There are other issues the council is facing.

“We are becoming landlocked. We are running out of developable, contiguous land; we are surrounded by water and we must be very, very careful,” Bacon said.

Land, workforce and affordable housing are all tied together. She’s used her Habitat experience to promote affordable housing – there’s a couple of affordable housing developments in the works – and wants to oversee that.

“I’m already very concerned about the developments in the south end of town. And I know that our staff has worked very hard on very strong drainage plans, especially for that area of town,” Bacon said.

“I do believe we have saturated most of our workforce within a 60-mile commuter radius, as far as our major manufacturers are concerned,” Bacon said. “With the limitation of land, drawing more new employees to Brookings is going to be challenging at best.”

“If we do plan on continuing to grow our population, we’re gonna have to learn to live with higher density. We’re gonna have to learn to build up and not out,” Bacon said.

“At the point that we use up all that land, are we going to try to annex somewhere that isn’t connected to Brookings? I don’t know,” Bacon said.

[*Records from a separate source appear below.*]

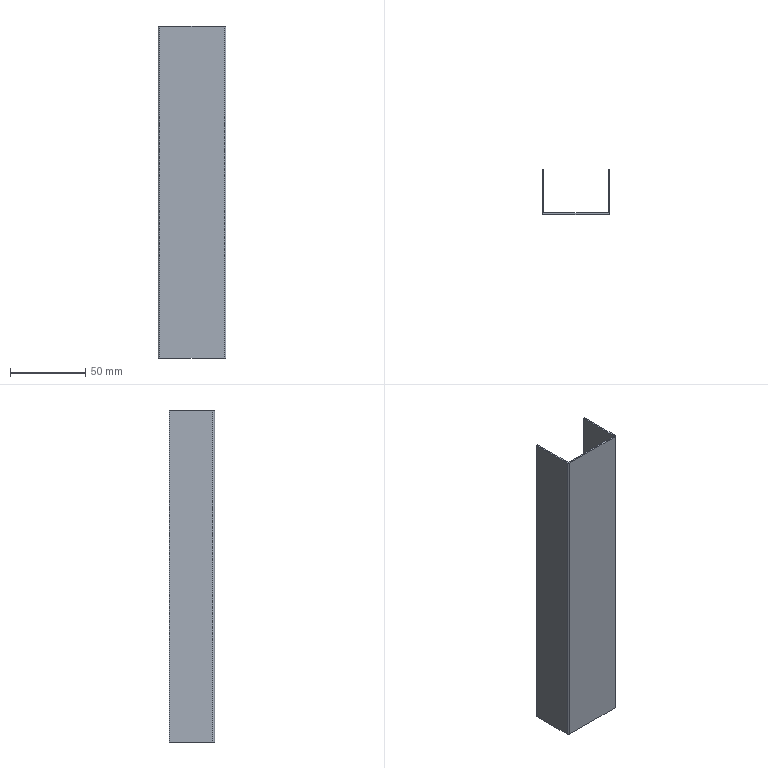Component | SolidWorks | WeldmentDrawing-1_WireDuct-1 | 1 solid | 22 faces | box 45 x 30 x 220 mm | volume 22547 mm3 | plane 18 | cylinder 4 | commonest cylinder face diameters 2.2 x2 0.2 x2
STEP:
#1=COLOUR_RGB('',0.7922,0.8196,0.9333);
#2=FILL_AREA_STYLE_COLOUR('',#1);
#3=FILL_AREA_STYLE('',(#2));
#4=SURFACE_STYLE_FILL_AREA(#3);
#5=SURFACE_SIDE_STYLE('',(#4));
#6=SURFACE_STYLE_USAGE(.BOTH.,#5);
#7=PRESENTATION_STYLE_ASSIGNMENT((#6));
#8=CARTESIAN_POINT('',(-6.554,2.411,-7.874));
#9=VERTEX_POINT('',#8);
#10=CARTESIAN_POINT('',(-8.239,2.411,-7.874));
#11=VERTEX_POINT('',#10);
#12=CARTESIAN_POINT('',(-8.282,2.411,-7.874));
#13=DIRECTION('',(-1.,0.,0.));
#14=VECTOR('',#13,39.37);
#15=LINE('',#12,#14);
#16=EDGE_CURVE('',#9,#11,#15,.T.);
#17=ORIENTED_EDGE('',*,*,#16,.F.);
#18=CARTESIAN_POINT('',(-6.554,2.411,0.7874));
#19=VERTEX_POINT('',#18);
#20=CARTESIAN_POINT('',(-6.554,2.411,-7.874));
#21=DIRECTION('',(0.,0.,1.));
#22=VECTOR('',#21,39.37);
#23=LINE('',#20,#22);
#24=EDGE_CURVE('',#9,#19,#23,.T.);
#25=ORIENTED_EDGE('',*,*,#24,.T.);
#26=CARTESIAN_POINT('',(-8.239,2.411,0.7874));
#27=VERTEX_POINT('',#26);
#28=CARTESIAN_POINT('',(-8.282,2.411,0.7874));
#29=DIRECTION('',(1.,0.,0.));
#30=VECTOR('',#29,39.37);
#31=LINE('',#28,#30);
#32=EDGE_CURVE('',#27,#19,#31,.T.);
#33=ORIENTED_EDGE('',*,*,#32,.F.);
#34=CARTESIAN_POINT('',(-8.239,2.411,0.7874));
#35=DIRECTION('',(0.,0.,-1.));
#36=VECTOR('',#35,39.37);
#37=LINE('',#34,#36);
#38=EDGE_CURVE('',#27,#11,#37,.T.);
#39=ORIENTED_EDGE('',*,*,#38,.T.);
#40=EDGE_LOOP('',(#17,#25,#33,#39));
#41=FACE_OUTER_BOUND('',#40,.T.);
#42=CARTESIAN_POINT('',(-6.765,2.411,-1.381));
#43=DIRECTION('',(0.,-1.,0.));
#44=DIRECTION('',(0.,0.,-1.));
#45=AXIS2_PLACEMENT_3D('',#42,#43,#44);
#46=PLANE('',#45);
#47=ADVANCED_FACE('',(#41),#46,.T.);
#48=CARTESIAN_POINT('',(-6.554,2.451,-7.874));
#49=VERTEX_POINT('',#48);
#50=CARTESIAN_POINT('',(-6.554,2.451,0.7874));
#51=VERTEX_POINT('',#50);
#52=CARTESIAN_POINT('',(-6.554,2.451,-7.874));
#53=DIRECTION('',(0.,0.,1.));
#54=VECTOR('',#53,39.37);
#55=LINE('',#52,#54);
#56=EDGE_CURVE('',#49,#51,#55,.T.);
#57=ORIENTED_EDGE('',*,*,#56,.F.);
#58=CARTESIAN_POINT('',(-8.239,2.451,-7.874));
#59=VERTEX_POINT('',#58);
#60=CARTESIAN_POINT('',(-8.282,2.451,-7.874));
#61=DIRECTION('',(-1.,0.,0.));
#62=VECTOR('',#61,39.37);
#63=LINE('',#60,#62);
#64=EDGE_CURVE('',#49,#59,#63,.T.);
#65=ORIENTED_EDGE('',*,*,#64,.T.);
#66=CARTESIAN_POINT('',(-8.239,2.451,0.7874));
#67=VERTEX_POINT('',#66);
#68=CARTESIAN_POINT('',(-8.239,2.451,0.7874));
#69=DIRECTION('',(0.,0.,-1.));
#70=VECTOR('',#69,39.37);
#71=LINE('',#68,#70);
#72=EDGE_CURVE('',#67,#59,#71,.T.);
#73=ORIENTED_EDGE('',*,*,#72,.F.);
#74=CARTESIAN_POINT('',(-8.282,2.451,0.7874));
#75=DIRECTION('',(1.,0.,0.));
#76=VECTOR('',#75,39.37);
#77=LINE('',#74,#76);
#78=EDGE_CURVE('',#67,#51,#77,.T.);
#79=ORIENTED_EDGE('',*,*,#78,.T.);
#80=EDGE_LOOP('',(#57,#65,#73,#79));
#81=FACE_OUTER_BOUND('',#80,.T.);
#82=CARTESIAN_POINT('',(-6.765,2.451,-1.381));
#83=DIRECTION('',(0.,-1.,0.));
#84=DIRECTION('',(0.,0.,-1.));
#85=AXIS2_PLACEMENT_3D('',#82,#83,#84);
#86=PLANE('',#85);
#87=ADVANCED_FACE('',(#81),#86,.F.);
#88=ORIENTED_EDGE('',*,*,#64,.F.);
#89=CARTESIAN_POINT('',(-6.554,2.451,-7.874));
#90=DIRECTION('',(0.,-1.,0.));
#91=VECTOR('',#90,39.37);
#92=LINE('',#89,#91);
#93=EDGE_CURVE('',#49,#9,#92,.T.);
#94=ORIENTED_EDGE('',*,*,#93,.T.);
#95=ORIENTED_EDGE('',*,*,#16,.T.);
#96=CARTESIAN_POINT('',(-8.239,2.451,-7.874));
#97=DIRECTION('',(0.,-1.,0.));
#98=VECTOR('',#97,39.37);
#99=LINE('',#96,#98);
#100=EDGE_CURVE('',#59,#11,#99,.T.);
#101=ORIENTED_EDGE('',*,*,#100,.F.);
#102=EDGE_LOOP('',(#88,#94,#95,#101));
#103=FACE_OUTER_BOUND('',#102,.T.);
#104=CARTESIAN_POINT('',(-8.282,2.411,-7.874));
#105=DIRECTION('',(0.,0.,-1.));
#106=DIRECTION('',(-1.,0.,0.));
#107=AXIS2_PLACEMENT_3D('',#104,#105,#106);
#108=PLANE('',#107);
#109=ADVANCED_FACE('',(#103),#108,.T.);
#110=CARTESIAN_POINT('',(-6.554,2.451,0.7874));
#111=DIRECTION('',(0.,-1.,0.));
#112=VECTOR('',#111,39.37);
#113=LINE('',#110,#112);
#114=EDGE_CURVE('',#51,#19,#113,.T.);
#115=ORIENTED_EDGE('',*,*,#114,.F.);
#116=ORIENTED_EDGE('',*,*,#78,.F.);
#117=CARTESIAN_POINT('',(-8.239,2.451,0.7874));
#118=DIRECTION('',(0.,-1.,0.));
#119=VECTOR('',#118,39.37);
#120=LINE('',#117,#119);
#121=EDGE_CURVE('',#67,#27,#120,.T.);
#122=ORIENTED_EDGE('',*,*,#121,.T.);
#123=ORIENTED_EDGE('',*,*,#32,.T.);
#124=EDGE_LOOP('',(#115,#116,#122,#123));
#125=FACE_OUTER_BOUND('',#124,.T.);
#126=CARTESIAN_POINT('',(-8.282,2.411,0.7874));
#127=DIRECTION('',(0.,0.,1.));
#128=DIRECTION('',(1.,0.,0.));
#129=AXIS2_PLACEMENT_3D('',#126,#127,#128);
#130=PLANE('',#129);
#131=ADVANCED_FACE('',(#125),#130,.T.);
#132=CARTESIAN_POINT('',(-8.243,2.455,-7.874));
#133=VERTEX_POINT('',#132);
#134=CARTESIAN_POINT('',(-8.282,2.455,-7.874));
#135=VERTEX_POINT('',#134);
#136=CARTESIAN_POINT('',(-8.282,2.455,-7.874));
#137=DIRECTION('',(-1.,-0.,0.));
#138=VECTOR('',#137,39.37);
#139=LINE('',#136,#138);
#140=EDGE_CURVE('',#133,#135,#139,.T.);
#141=ORIENTED_EDGE('',*,*,#140,.F.);
#142=CARTESIAN_POINT('',(-8.239,2.455,-7.874));
#143=DIRECTION('',(0.,0.,-1.));
#144=DIRECTION('',(1.,0.,0.));
#145=AXIS2_PLACEMENT_3D('',#142,#143,#144);
#146=CIRCLE('',#145,0.003937);
#147=EDGE_CURVE('',#59,#133,#146,.T.);
#148=ORIENTED_EDGE('',*,*,#147,.F.);
#149=ORIENTED_EDGE('',*,*,#100,.T.);
#150=CARTESIAN_POINT('',(-8.239,2.455,-7.874));
#151=DIRECTION('',(0.,0.,-1.));
#152=DIRECTION('',(1.,0.,0.));
#153=AXIS2_PLACEMENT_3D('',#150,#151,#152);
#154=CIRCLE('',#153,0.04331);
#155=EDGE_CURVE('',#11,#135,#154,.T.);
#156=ORIENTED_EDGE('',*,*,#155,.T.);
#157=EDGE_LOOP('',(#141,#148,#149,#156));
#158=FACE_OUTER_BOUND('',#157,.T.);
#159=CARTESIAN_POINT('',(-8.239,2.455,-7.874));
#160=DIRECTION('',(0.,0.,-1.));
#161=DIRECTION('',(-1.,0.,0.));
#162=AXIS2_PLACEMENT_3D('',#159,#160,#161);
#163=PLANE('',#162);
#164=ADVANCED_FACE('',(#158),#163,.T.);
#165=CARTESIAN_POINT('',(-8.243,2.455,0.7874));
#166=VERTEX_POINT('',#165);
#167=CARTESIAN_POINT('',(-8.239,2.455,0.7874));
#168=DIRECTION('',(0.,0.,1.));
#169=DIRECTION('',(1.,0.,0.));
#170=AXIS2_PLACEMENT_3D('',#167,#168,#169);
#171=CIRCLE('',#170,0.003937);
#172=EDGE_CURVE('',#166,#67,#171,.T.);
#173=ORIENTED_EDGE('',*,*,#172,.F.);
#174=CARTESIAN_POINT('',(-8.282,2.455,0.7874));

She sees guiding the community into the future as the council’s responsibility, starting with the Strategic Plan and council retreats to go in depth on issues. 

But planning the city’s future is not just up to the council. She wants to see people at council meetings regularly and hear from them.

“We always must listen to the community. We are nothing without the members of our community and they have to take a serious interest in it by going to vote,” Bacon said.

“We have a very low voter turnout, especially for spring elections, and my philosophy has always been ‘you want to have a point of view, then you need to vote.’ Then you are entitled to share in that decision-making, and we would love it if a larger percentage of our community got actively engaged in that,” Bacon said.